Menurutnya, program dan anggaran Kementerian ATR/BPN tidak hanya ditujukan untuk mendukung pembangunan nasional, tetapi juga menjawab kebutuhan masyarakat secara langsung. Fokus kebijakan meliputi ketahanan pangan, sertipikasi tanah bagi MBR, kemandirian energi dan air, penyediaan lahan untuk fasilitas pendidikan dan kesehatan, penguatan hilirisasi industri, pengembangan perumahan, serta penataan ruang berbasis ketahanan bencana.
Berbagai agenda tersebut akan dilaksanakan melalui instrumen pertanahan dan tata ruang, antara lain legalisasi aset, pengadaan tanah, penataan ruang, dan redistribusi tanah.

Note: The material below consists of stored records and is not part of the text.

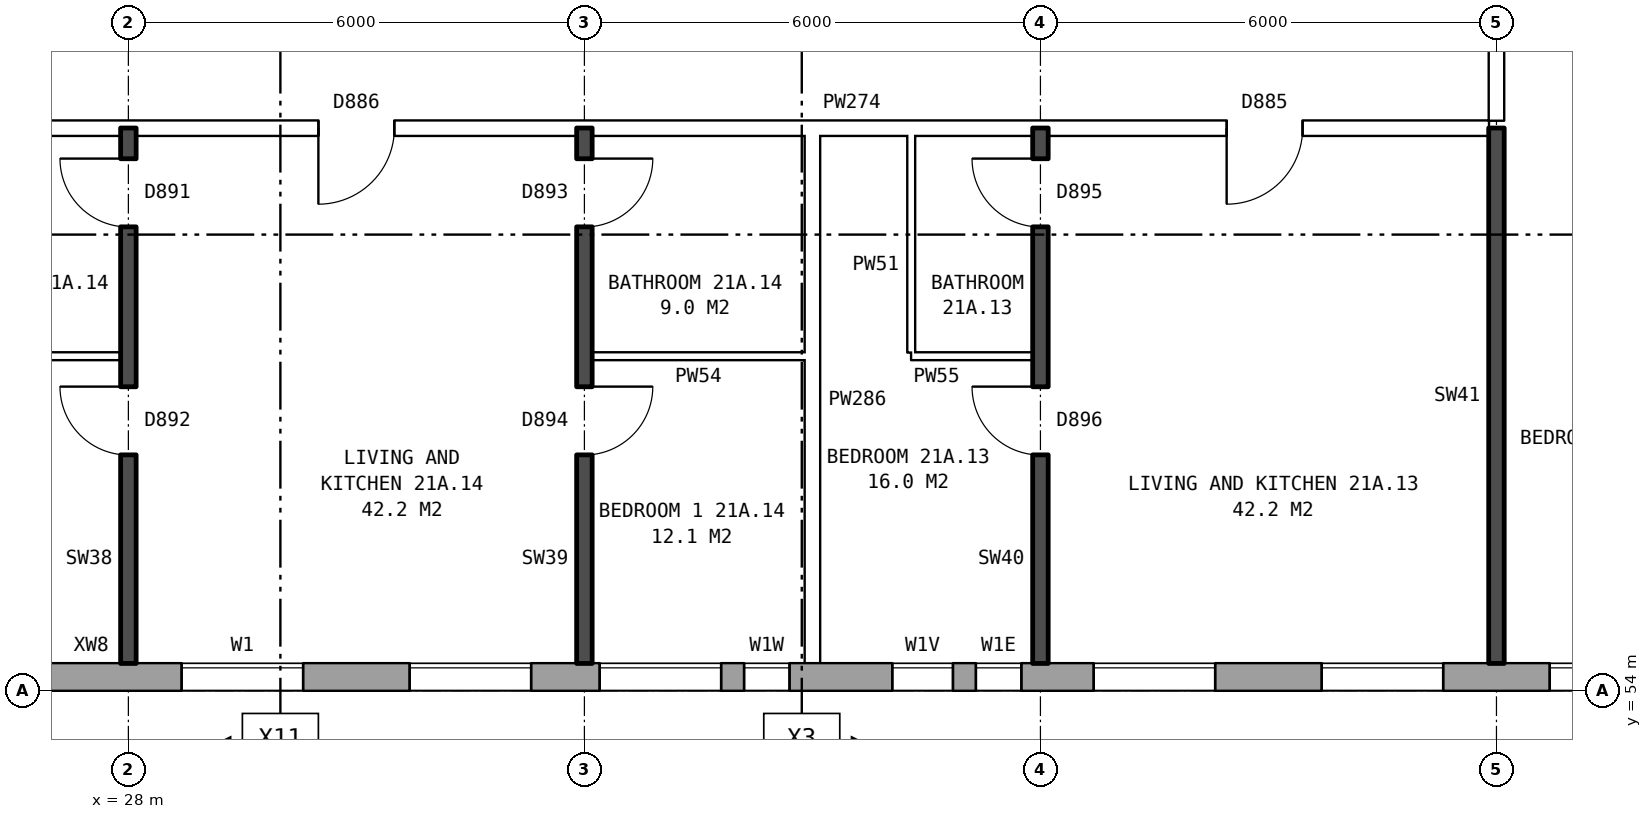
"""IFC4 building model, lengths in metres.
Left out: names, types, materials, properties, quantities, classifications, styles, units other than length and angle.
Written with IfcOpenShell. Run it as: python <this file> out.ifc"""

import sys

from ifc_helpers import new_model, si_unit, direction, frame, frame_2d, origin, place, context, subcontext, project, spatial, rectangle, extrude, element, fill, save


model = new_model("IFC4")
c1 = context("Model", 3, precision=1e-05, world=origin(), true_north=direction((0.0, 1.0)))
c2 = subcontext(c1, "Body", "Model", "MODEL_VIEW")
j1 = project(units=[si_unit("LENGTHUNIT", "METRE"), si_unit("PLANEANGLEUNIT", "RADIAN")], contexts=[c1])
p1 = place(None, origin())
s1 = spatial("IfcSite", under=j1, at=p1, CompositionType="ELEMENT")
p2 = place(p1, origin())
s2 = spatial("IfcBuilding", under=s1, at=p2, CompositionType="ELEMENT")
p3 = place(p2, frame((0.0, 0.0, 77.8)))
s3 = spatial("IfcBuildingStorey", under=s2, at=p3, CompositionType="ELEMENT", Elevation=77.8)
p4 = place(p3, frame((26.325, 54.18, 0.0), z_axis=(0.0, 0.0, 1.0), x_axis=(1.0, 0.0, 0.0)))
e1 = element("IfcWall", 1, at=p4, inside=s3, PredefinedType="STANDARD", context=c2, shape_type="SweptSolid", body=[
    extrude(rectangle(XDim=46.601, YDim=0.36, at=frame_2d((23.3, 0.0))), origin(), (0.0, 0.0, 1.0), 2.85),
])
p5 = place(p4, frame((2.375, 0.0, 0.8)))
e2 = element("IfcOpeningElement", 2, at=p5, cuts=e1, PredefinedType="OPENING", context=c2, shape_type="SweptSolid", body=[
    extrude(rectangle(XDim=1.6, YDim=1.8, at=frame_2d((0.8, 0.9))), frame((0.0, 0.19, 0.0), z_axis=(0.0, -1.0, 0.0), x_axis=(1.0, 0.0, 0.0)), (0.0, 0.0, 1.0), 0.38),
])
p6 = place(p4, frame((5.375, 0.0, 0.8)))
e3 = element("IfcOpeningElement", 3, at=p6, cuts=e1, PredefinedType="OPENING", context=c2, shape_type="SweptSolid", body=[
    extrude(rectangle(XDim=1.6, YDim=1.8, at=frame_2d((0.8, 0.9))), frame((0.0, 0.19, 0.0), z_axis=(0.0, -1.0, 0.0), x_axis=(1.0, 0.0, 0.0)), (0.0, 0.0, 1.0), 0.38),
])
p7 = place(p4, frame((7.875, 0.0, 0.8)))
e4 = element("IfcOpeningElement", 4, at=p7, cuts=e1, PredefinedType="OPENING", context=c2, shape_type="SweptSolid", body=[
    extrude(rectangle(XDim=1.6, YDim=1.8, at=frame_2d((0.8, 0.9))), frame((0.0, 0.19, 0.0), z_axis=(0.0, -1.0, 0.0), x_axis=(1.0, 0.0, 0.0)), (0.0, 0.0, 1.0), 0.38),
])
p8 = place(p4, frame((11.725, 0.0, 0.65)))
e5 = element("IfcOpeningElement", 5, at=p8, cuts=e1, PredefinedType="OPENING", context=c2, shape_type="SweptSolid", body=[
    extrude(rectangle(XDim=0.8, YDim=0.9, at=frame_2d((0.4, 0.45))), frame((0.0, 0.19, 0.0), z_axis=(0.0, -1.0, 0.0), x_axis=(1.0, 0.0, 0.0)), (0.0, 0.0, 1.0), 0.38),
])
p9 = place(p4, frame((14.375, 0.0, 0.8)))
e6 = element("IfcOpeningElement", 6, at=p9, cuts=e1, PredefinedType="OPENING", context=c2, shape_type="SweptSolid", body=[
    extrude(rectangle(XDim=1.6, YDim=1.8, at=frame_2d((0.8, 0.9))), frame((0.0, 0.19, 0.0), z_axis=(0.0, -1.0, 0.0), x_axis=(1.0, 0.0, 0.0)), (0.0, 0.0, 1.0), 0.38),
])
p10 = place(p4, frame((17.375, 0.0, 0.8)))
e7 = element("IfcOpeningElement", 7, at=p10, cuts=e1, PredefinedType="OPENING", context=c2, shape_type="SweptSolid", body=[
    extrude(rectangle(XDim=1.6, YDim=1.8, at=frame_2d((0.8, 0.9))), frame((0.0, 0.19, 0.0), z_axis=(0.0, -1.0, 0.0), x_axis=(1.0, 0.0, 0.0)), (0.0, 0.0, 1.0), 0.38),
])
p11 = place(p4, frame((20.375, 0.0, 0.8)))
e8 = element("IfcOpeningElement", 8, at=p11, cuts=e1, PredefinedType="OPENING", context=c2, shape_type="SweptSolid", body=[
    extrude(rectangle(XDim=1.6, YDim=1.8, at=frame_2d((0.8, 0.9))), frame((0.0, 0.19, 0.0), z_axis=(0.0, -1.0, 0.0), x_axis=(1.0, 0.0, 0.0)), (0.0, 0.0, 1.0), 0.38),
])
p12 = place(p4, frame((23.375, 0.0, 0.8)))
e9 = element("IfcOpeningElement", 9, at=p12, cuts=e1, PredefinedType="OPENING", context=c2, shape_type="SweptSolid", body=[
    extrude(rectangle(XDim=1.6, YDim=1.8, at=frame_2d((0.8, 0.9))), frame((0.0, 0.19, 0.0), z_axis=(0.0, -1.0, 0.0), x_axis=(1.0, 0.0, 0.0)), (0.0, 0.0, 1.0), 0.38),
])
p13 = place(p4, frame((26.375, 0.0, 0.8)))
e10 = element("IfcOpeningElement", 10, at=p13, cuts=e1, PredefinedType="OPENING", context=c2, shape_type="SweptSolid", body=[
    extrude(rectangle(XDim=1.6, YDim=1.8, at=frame_2d((0.8, 0.9))), frame((0.0, 0.19, 0.0), z_axis=(0.0, -1.0, 0.0), x_axis=(1.0, 0.0, 0.0)), (0.0, 0.0, 1.0), 0.38),
])
p14 = place(p4, frame((29.375, 0.0, 0.8)))
e11 = element("IfcOpeningElement", 11, at=p14, cuts=e1, PredefinedType="OPENING", context=c2, shape_type="SweptSolid", body=[
    extrude(rectangle(XDim=1.6, YDim=1.8, at=frame_2d((0.8, 0.9))), frame((0.0, 0.19, 0.0), z_axis=(0.0, -1.0, 0.0), x_axis=(1.0, 0.0, 0.0)), (0.0, 0.0, 1.0), 0.38),
])
p15 = place(p4, frame((32.375, 0.0, 0.8)))
e12 = element("IfcOpeningElement", 12, at=p15, cuts=e1, PredefinedType="OPENING", context=c2, shape_type="SweptSolid", body=[
    extrude(rectangle(XDim=1.6, YDim=1.8, at=frame_2d((0.8, 0.9))), frame((0.0, 0.19, 0.0), z_axis=(0.0, -1.0, 0.0), x_axis=(1.0, 0.0, 0.0)), (0.0, 0.0, 1.0), 0.38),
])
p16 = place(p4, frame((34.825, 0.0, 0.15)))
e13 = element("IfcOpeningElement", 13, at=p16, cuts=e1, PredefinedType="OPENING", context=c2, shape_type="SweptSolid", body=[
    extrude(rectangle(XDim=0.6, YDim=0.9, at=frame_2d((0.3, 0.45))), frame((0.0, 0.19, 0.0), z_axis=(0.0, -1.0, 0.0), x_axis=(1.0, 0.0, 0.0)), (0.0, 0.0, 1.0), 0.38),
])
p17 = place(p4, frame((38.375, 0.0, 0.8)))
e14 = element("IfcOpeningElement", 14, at=p17, cuts=e1, PredefinedType="OPENING", context=c2, shape_type="SweptSolid", body=[
    extrude(rectangle(XDim=1.6, YDim=1.8, at=frame_2d((0.8, 0.9))), frame((0.0, 0.19, 0.0), z_axis=(0.0, -1.0, 0.0), x_axis=(1.0, 0.0, 0.0)), (0.0, 0.0, 1.0), 0.38),
])
p18 = place(p4, frame((41.375, 0.0, 0.8)))
e15 = element("IfcOpeningElement", 15, at=p18, cuts=e1, PredefinedType="OPENING", context=c2, shape_type="SweptSolid", body=[
    extrude(rectangle(XDim=1.6, YDim=1.8, at=frame_2d((0.8, 0.9))), frame((0.0, 0.19, 0.0), z_axis=(0.0, -1.0, 0.0), x_axis=(1.0, 0.0, 0.0)), (0.0, 0.0, 1.0), 0.38),
])
p19 = place(p4, frame((44.375, 0.0, 0.8)))
e16 = element("IfcOpeningElement", 16, at=p19, cuts=e1, PredefinedType="OPENING", context=c2, shape_type="SweptSolid", body=[
    extrude(rectangle(XDim=1.6, YDim=1.8, at=frame_2d((0.8, 0.9))), frame((0.0, 0.19, 0.0), z_axis=(0.0, -1.0, 0.0), x_axis=(1.0, 0.0, 0.0)), (0.0, 0.0, 1.0), 0.38),
])
p20 = place(p4, frame((9.775, 0.0, 1.5)))
e17 = element("IfcOpeningElement", 17, at=p20, cuts=e1, PredefinedType="OPENING", context=c2, shape_type="SweptSolid", body=[
    extrude(rectangle(XDim=0.6, YDim=0.9, at=frame_2d((0.3, 0.45))), frame((0.0, 0.19, 0.0), z_axis=(0.0, -1.0, 0.0), x_axis=(1.0, 0.0, 0.0)), (0.0, 0.0, 1.0), 0.38),
])
p21 = place(p4, frame((12.825, 0.0, 0.65)))
e18 = element("IfcOpeningElement", 18, at=p21, cuts=e1, PredefinedType="OPENING", context=c2, shape_type="SweptSolid", body=[
    extrude(rectangle(XDim=0.6, YDim=1.8, at=frame_2d((0.3, 0.9))), frame((0.0, 0.19, 0.0), z_axis=(0.0, -1.0, 0.0), x_axis=(1.0, 0.0, 0.0)), (0.0, 0.0, 1.0), 0.38),
])
p22 = place(p4, frame((36.025, 0.0, 1.65)))
e19 = element("IfcOpeningElement", 19, at=p22, cuts=e1, PredefinedType="OPENING", context=c2, shape_type="SweptSolid", body=[
    extrude(rectangle(XDim=1.4, YDim=0.9, at=frame_2d((0.7, 0.45))), frame((0.0, 0.19, 0.0), z_axis=(0.0, -1.0, 0.0), x_axis=(1.0, 0.0, 0.0)), (0.0, 0.0, 1.0), 0.38),
])
p23 = place(p3, frame((25.0, 58.4, 0.0), z_axis=(0.0, 0.0, 1.0), x_axis=(1.0, 0.0, 0.0)))
e20 = element("IfcWall", 20, at=p23, inside=s3, PredefinedType="PARTITIONING", context=c2, shape_type="SweptSolid", body=[
    extrude(rectangle(XDim=2.9, YDim=0.1, at=frame_2d((1.45, 0.0))), origin(), (0.0, 0.0, 1.0), 2.85),
])
p24 = place(p3, frame((34.1, 58.4, 0.0), z_axis=(0.0, 0.0, 1.0), x_axis=(1.0, 0.0, 0.0)))
e21 = element("IfcWall", 21, at=p24, inside=s3, PredefinedType="PARTITIONING", context=c2, shape_type="SweptSolid", body=[
    extrude(rectangle(XDim=2.8, YDim=0.1, at=frame_2d((1.4, 0.0))), origin(), (0.0, 0.0, 1.0), 2.85),
])
p25 = place(p3, frame((38.3, 58.4, 0.0), z_axis=(0.0, 0.0, 1.0), x_axis=(1.0, 0.0, 0.0)))
e22 = element("IfcWall", 22, at=p25, inside=s3, PredefinedType="PARTITIONING", context=c2, shape_type="SweptSolid", body=[
    extrude(rectangle(XDim=1.6, YDim=0.1, at=frame_2d((0.8, 0.0))), origin(), (0.0, 0.0, 1.0), 2.85),
])
p26 = place(p3, frame((23.61, 61.4, 0.0), z_axis=(0.0, 0.0, 1.0), x_axis=(1.0, 0.0, 0.0)))
e23 = element("IfcWall", 23, at=p26, inside=s3, PredefinedType="PARTITIONING", context=c2, shape_type="SweptSolid", body=[
    extrude(rectangle(XDim=22.29, YDim=0.2, at=frame_2d((11.145, 0.0))), origin(), (0.0, 0.0, 1.0), 2.85),
])
p27 = place(p26, frame((18.84, 0.0, 0.0)))
e24 = element("IfcOpeningElement", 24, at=p27, cuts=e23, PredefinedType="OPENING", context=c2, shape_type="SweptSolid", body=[
    extrude(rectangle(XDim=1.0, YDim=2.1, at=frame_2d((0.5, 1.05))), frame((0.0, 0.11, 0.0), z_axis=(0.0, -1.0, 0.0), x_axis=(1.0, 0.0, 0.0)), (0.0, 0.0, 1.0), 0.22),
])
p28 = place(p26, frame((6.89, 0.0, 0.0)))
e25 = element("IfcOpeningElement", 25, at=p28, cuts=e23, PredefinedType="OPENING", context=c2, shape_type="SweptSolid", body=[
    extrude(rectangle(XDim=1.0, YDim=2.1, at=frame_2d((0.5, 1.05))), frame((0.0, 0.11, 0.0), z_axis=(0.0, -1.0, 0.0), x_axis=(1.0, 0.0, 0.0)), (0.0, 0.0, 1.0), 0.22),
])
p29 = place(p3, frame((28.0, 54.36, 0.0), z_axis=(0.0, 0.0, 1.0), x_axis=(0.0, 1.0, 0.0)))
e26 = element("IfcWall", 26, at=p29, inside=s3, PredefinedType="SOLIDWALL", context=c2, shape_type="SweptSolid", body=[
    extrude(rectangle(XDim=7.04, YDim=0.2, at=frame_2d((3.52, 0.0))), origin(), (0.0, 0.0, 1.0), 2.85),
])
p30 = place(p29, frame((2.74, 0.0, 0.0)))
e27 = element("IfcOpeningElement", 27, at=p30, cuts=e26, PredefinedType="OPENING", context=c2, shape_type="SweptSolid", body=[
    extrude(rectangle(XDim=0.9, YDim=2.1, at=frame_2d((0.45, 1.05))), frame((0.0, 0.11, 0.0), z_axis=(0.0, -1.0, 0.0), x_axis=(1.0, 0.0, 0.0)), (0.0, 0.0, 1.0), 0.22),
])
p31 = place(p29, frame((5.74, 0.0, 0.0)))
e28 = element("IfcOpeningElement", 28, at=p31, cuts=e26, PredefinedType="OPENING", context=c2, shape_type="SweptSolid", body=[
    extrude(rectangle(XDim=0.9, YDim=2.1, at=frame_2d((0.45, 1.05))), frame((0.0, 0.11, 0.0), z_axis=(0.0, -1.0, 0.0), x_axis=(1.0, 0.0, 0.0)), (0.0, 0.0, 1.0), 0.22),
])
p32 = place(p3, frame((34.0, 54.36, 0.0), z_axis=(0.0, 0.0, 1.0), x_axis=(0.0, 1.0, 0.0)))
e29 = element("IfcWall", 29, at=p32, inside=s3, PredefinedType="SOLIDWALL", context=c2, shape_type="SweptSolid", body=[
    extrude(rectangle(XDim=7.04, YDim=0.2, at=frame_2d((3.52, 0.0))), origin(), (0.0, 0.0, 1.0), 2.85),
])
p33 = place(p32, frame((2.74, 0.0, 0.0)))
e30 = element("IfcOpeningElement", 30, at=p33, cuts=e29, PredefinedType="OPENING", context=c2, shape_type="SweptSolid", body=[
    extrude(rectangle(XDim=0.9, YDim=2.1, at=frame_2d((0.45, 1.05))), frame((0.0, 0.11, 0.0), z_axis=(0.0, -1.0, 0.0), x_axis=(1.0, 0.0, 0.0)), (0.0, 0.0, 1.0), 0.22),
])
p34 = place(p32, frame((5.74, 0.0, 0.0)))
e31 = element("IfcOpeningElement", 31, at=p34, cuts=e29, PredefinedType="OPENING", context=c2, shape_type="SweptSolid", body=[
    extrude(rectangle(XDim=0.9, YDim=2.1, at=frame_2d((0.45, 1.05))), frame((0.0, 0.11, 0.0), z_axis=(0.0, -1.0, 0.0), x_axis=(1.0, 0.0, 0.0)), (0.0, 0.0, 1.0), 0.22),
])
p35 = place(p3, frame((37.0, 54.36, 0.0), z_axis=(0.0, 0.0, 1.0), x_axis=(0.0, 1.0, 0.0)))
e32 = element("IfcWall", 32, at=p35, inside=s3, PredefinedType="PARTITIONING", context=c2, shape_type="SweptSolid", body=[
    extrude(rectangle(XDim=6.94, YDim=0.2, at=frame_2d((3.47, 0.0))), origin(), (0.0, 0.0, 1.0), 2.85),
])
p36 = place(p3, frame((38.3, 58.45, 0.0), z_axis=(0.0, 0.0, 1.0), x_axis=(0.0, 1.0, 0.0)))
e33 = element("IfcWall", 33, at=p36, inside=s3, PredefinedType="PARTITIONING", context=c2, shape_type="SweptSolid", body=[
    extrude(rectangle(XDim=2.85, YDim=0.1, at=frame_2d((1.425, 0.0))), origin(), (0.0, 0.0, 1.0), 2.85),
])
p37 = place(p3, frame((40.0, 54.36, 0.0), z_axis=(0.0, 0.0, 1.0), x_axis=(0.0, 1.0, 0.0)))
e34 = element("IfcWall", 34, at=p37, inside=s3, PredefinedType="SOLIDWALL", context=c2, shape_type="SweptSolid", body=[
    extrude(rectangle(XDim=7.04, YDim=0.2, at=frame_2d((3.52, 0.0))), origin(), (0.0, 0.0, 1.0), 2.85),
])
p38 = place(p37, frame((2.74, 0.0, 0.0)))
e35 = element("IfcOpeningElement", 35, at=p38, cuts=e34, PredefinedType="OPENING", context=c2, shape_type="SweptSolid", body=[
    extrude(rectangle(XDim=0.9, YDim=2.1, at=frame_2d((0.45, 1.05))), frame((0.0, 0.11, 0.0), z_axis=(0.0, -1.0, 0.0), x_axis=(1.0, 0.0, 0.0)), (0.0, 0.0, 1.0), 0.22),
])
p39 = place(p37, frame((5.74, 0.0, 0.0)))
e36 = element("IfcOpeningElement", 36, at=p39, cuts=e34, PredefinedType="OPENING", context=c2, shape_type="SweptSolid", body=[
    extrude(rectangle(XDim=0.9, YDim=2.1, at=frame_2d((0.45, 1.05))), frame((0.0, 0.11, 0.0), z_axis=(0.0, -1.0, 0.0), x_axis=(1.0, 0.0, 0.0)), (0.0, 0.0, 1.0), 0.22),
])
p40 = place(p3, frame((46.0, 54.36, 0.0), z_axis=(0.0, 0.0, 1.0), x_axis=(0.0, 1.0, 0.0)))
e37 = element("IfcWall", 37, at=p40, inside=s3, PredefinedType="SOLIDWALL", context=c2, shape_type="SweptSolid", body=[
    extrude(rectangle(XDim=7.04, YDim=0.2, at=frame_2d((3.52, 0.0))), origin(), (0.0, 0.0, 1.0), 2.85),
])
p41 = place(p3, frame((46.0, 61.5, 0.0), z_axis=(0.0, 0.0, 1.0), x_axis=(0.0, 1.0, 0.0)))
e38 = element("IfcWall", 38, at=p41, inside=s3, PredefinedType="PARTITIONING", context=c2, shape_type="SweptSolid", body=[
    extrude(rectangle(XDim=2.2, YDim=0.2, at=frame_2d((1.1, 0.0))), origin(), (0.0, 0.0, 1.0), 2.85),
])
p42 = place(p5, origin())
e39 = element("IfcWindow", 39, at=p42, inside=s3, PartitioningType="SINGLE_PANEL", PredefinedType="WINDOW", context=c2, shape_type="SweptSolid", body=[
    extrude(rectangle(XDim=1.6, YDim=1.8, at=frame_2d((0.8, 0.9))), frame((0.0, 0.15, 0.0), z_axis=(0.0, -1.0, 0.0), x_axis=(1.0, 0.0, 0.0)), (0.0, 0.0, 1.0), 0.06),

Dalam upaya mengurangi kemiskinan dan memperkuat perekonomian masyarakat, Kementerian ATR/BPN juga akan memperkuat redistribusi tanah, legalisasi aset, serta pemberdayaan masyarakat. Langkah tersebut diiringi dengan penyelesaian konflik pertanahan guna menghadirkan kepastian hukum dan membuka peluang bagi masyarakat untuk mengembangkan aset serta kegiatan ekonominya.
“Kementerian ATR/BPN berkomitmen agar kebijakan pertanahan dan penataan ruang pada 2027 dapat memberikan kontribusi nyata terhadap pencapaian prioritas pembangunan nasional dan manfaat yang dirasakan langsung oleh masyarakat,” tegas Dalu Agung Darmawan.
Rapat bersama Komisi II DPR RI tersebut turut diikuti oleh Komisi Pemilihan Umum (KPU) dan Badan Pengawas Pemilihan Umum (Bawaslu). Dalu Agung Darmawan hadir didampingi sejumlah Pejabat Pimpinan Tinggi Madya dan Pratama Kementerian ATR/BPN.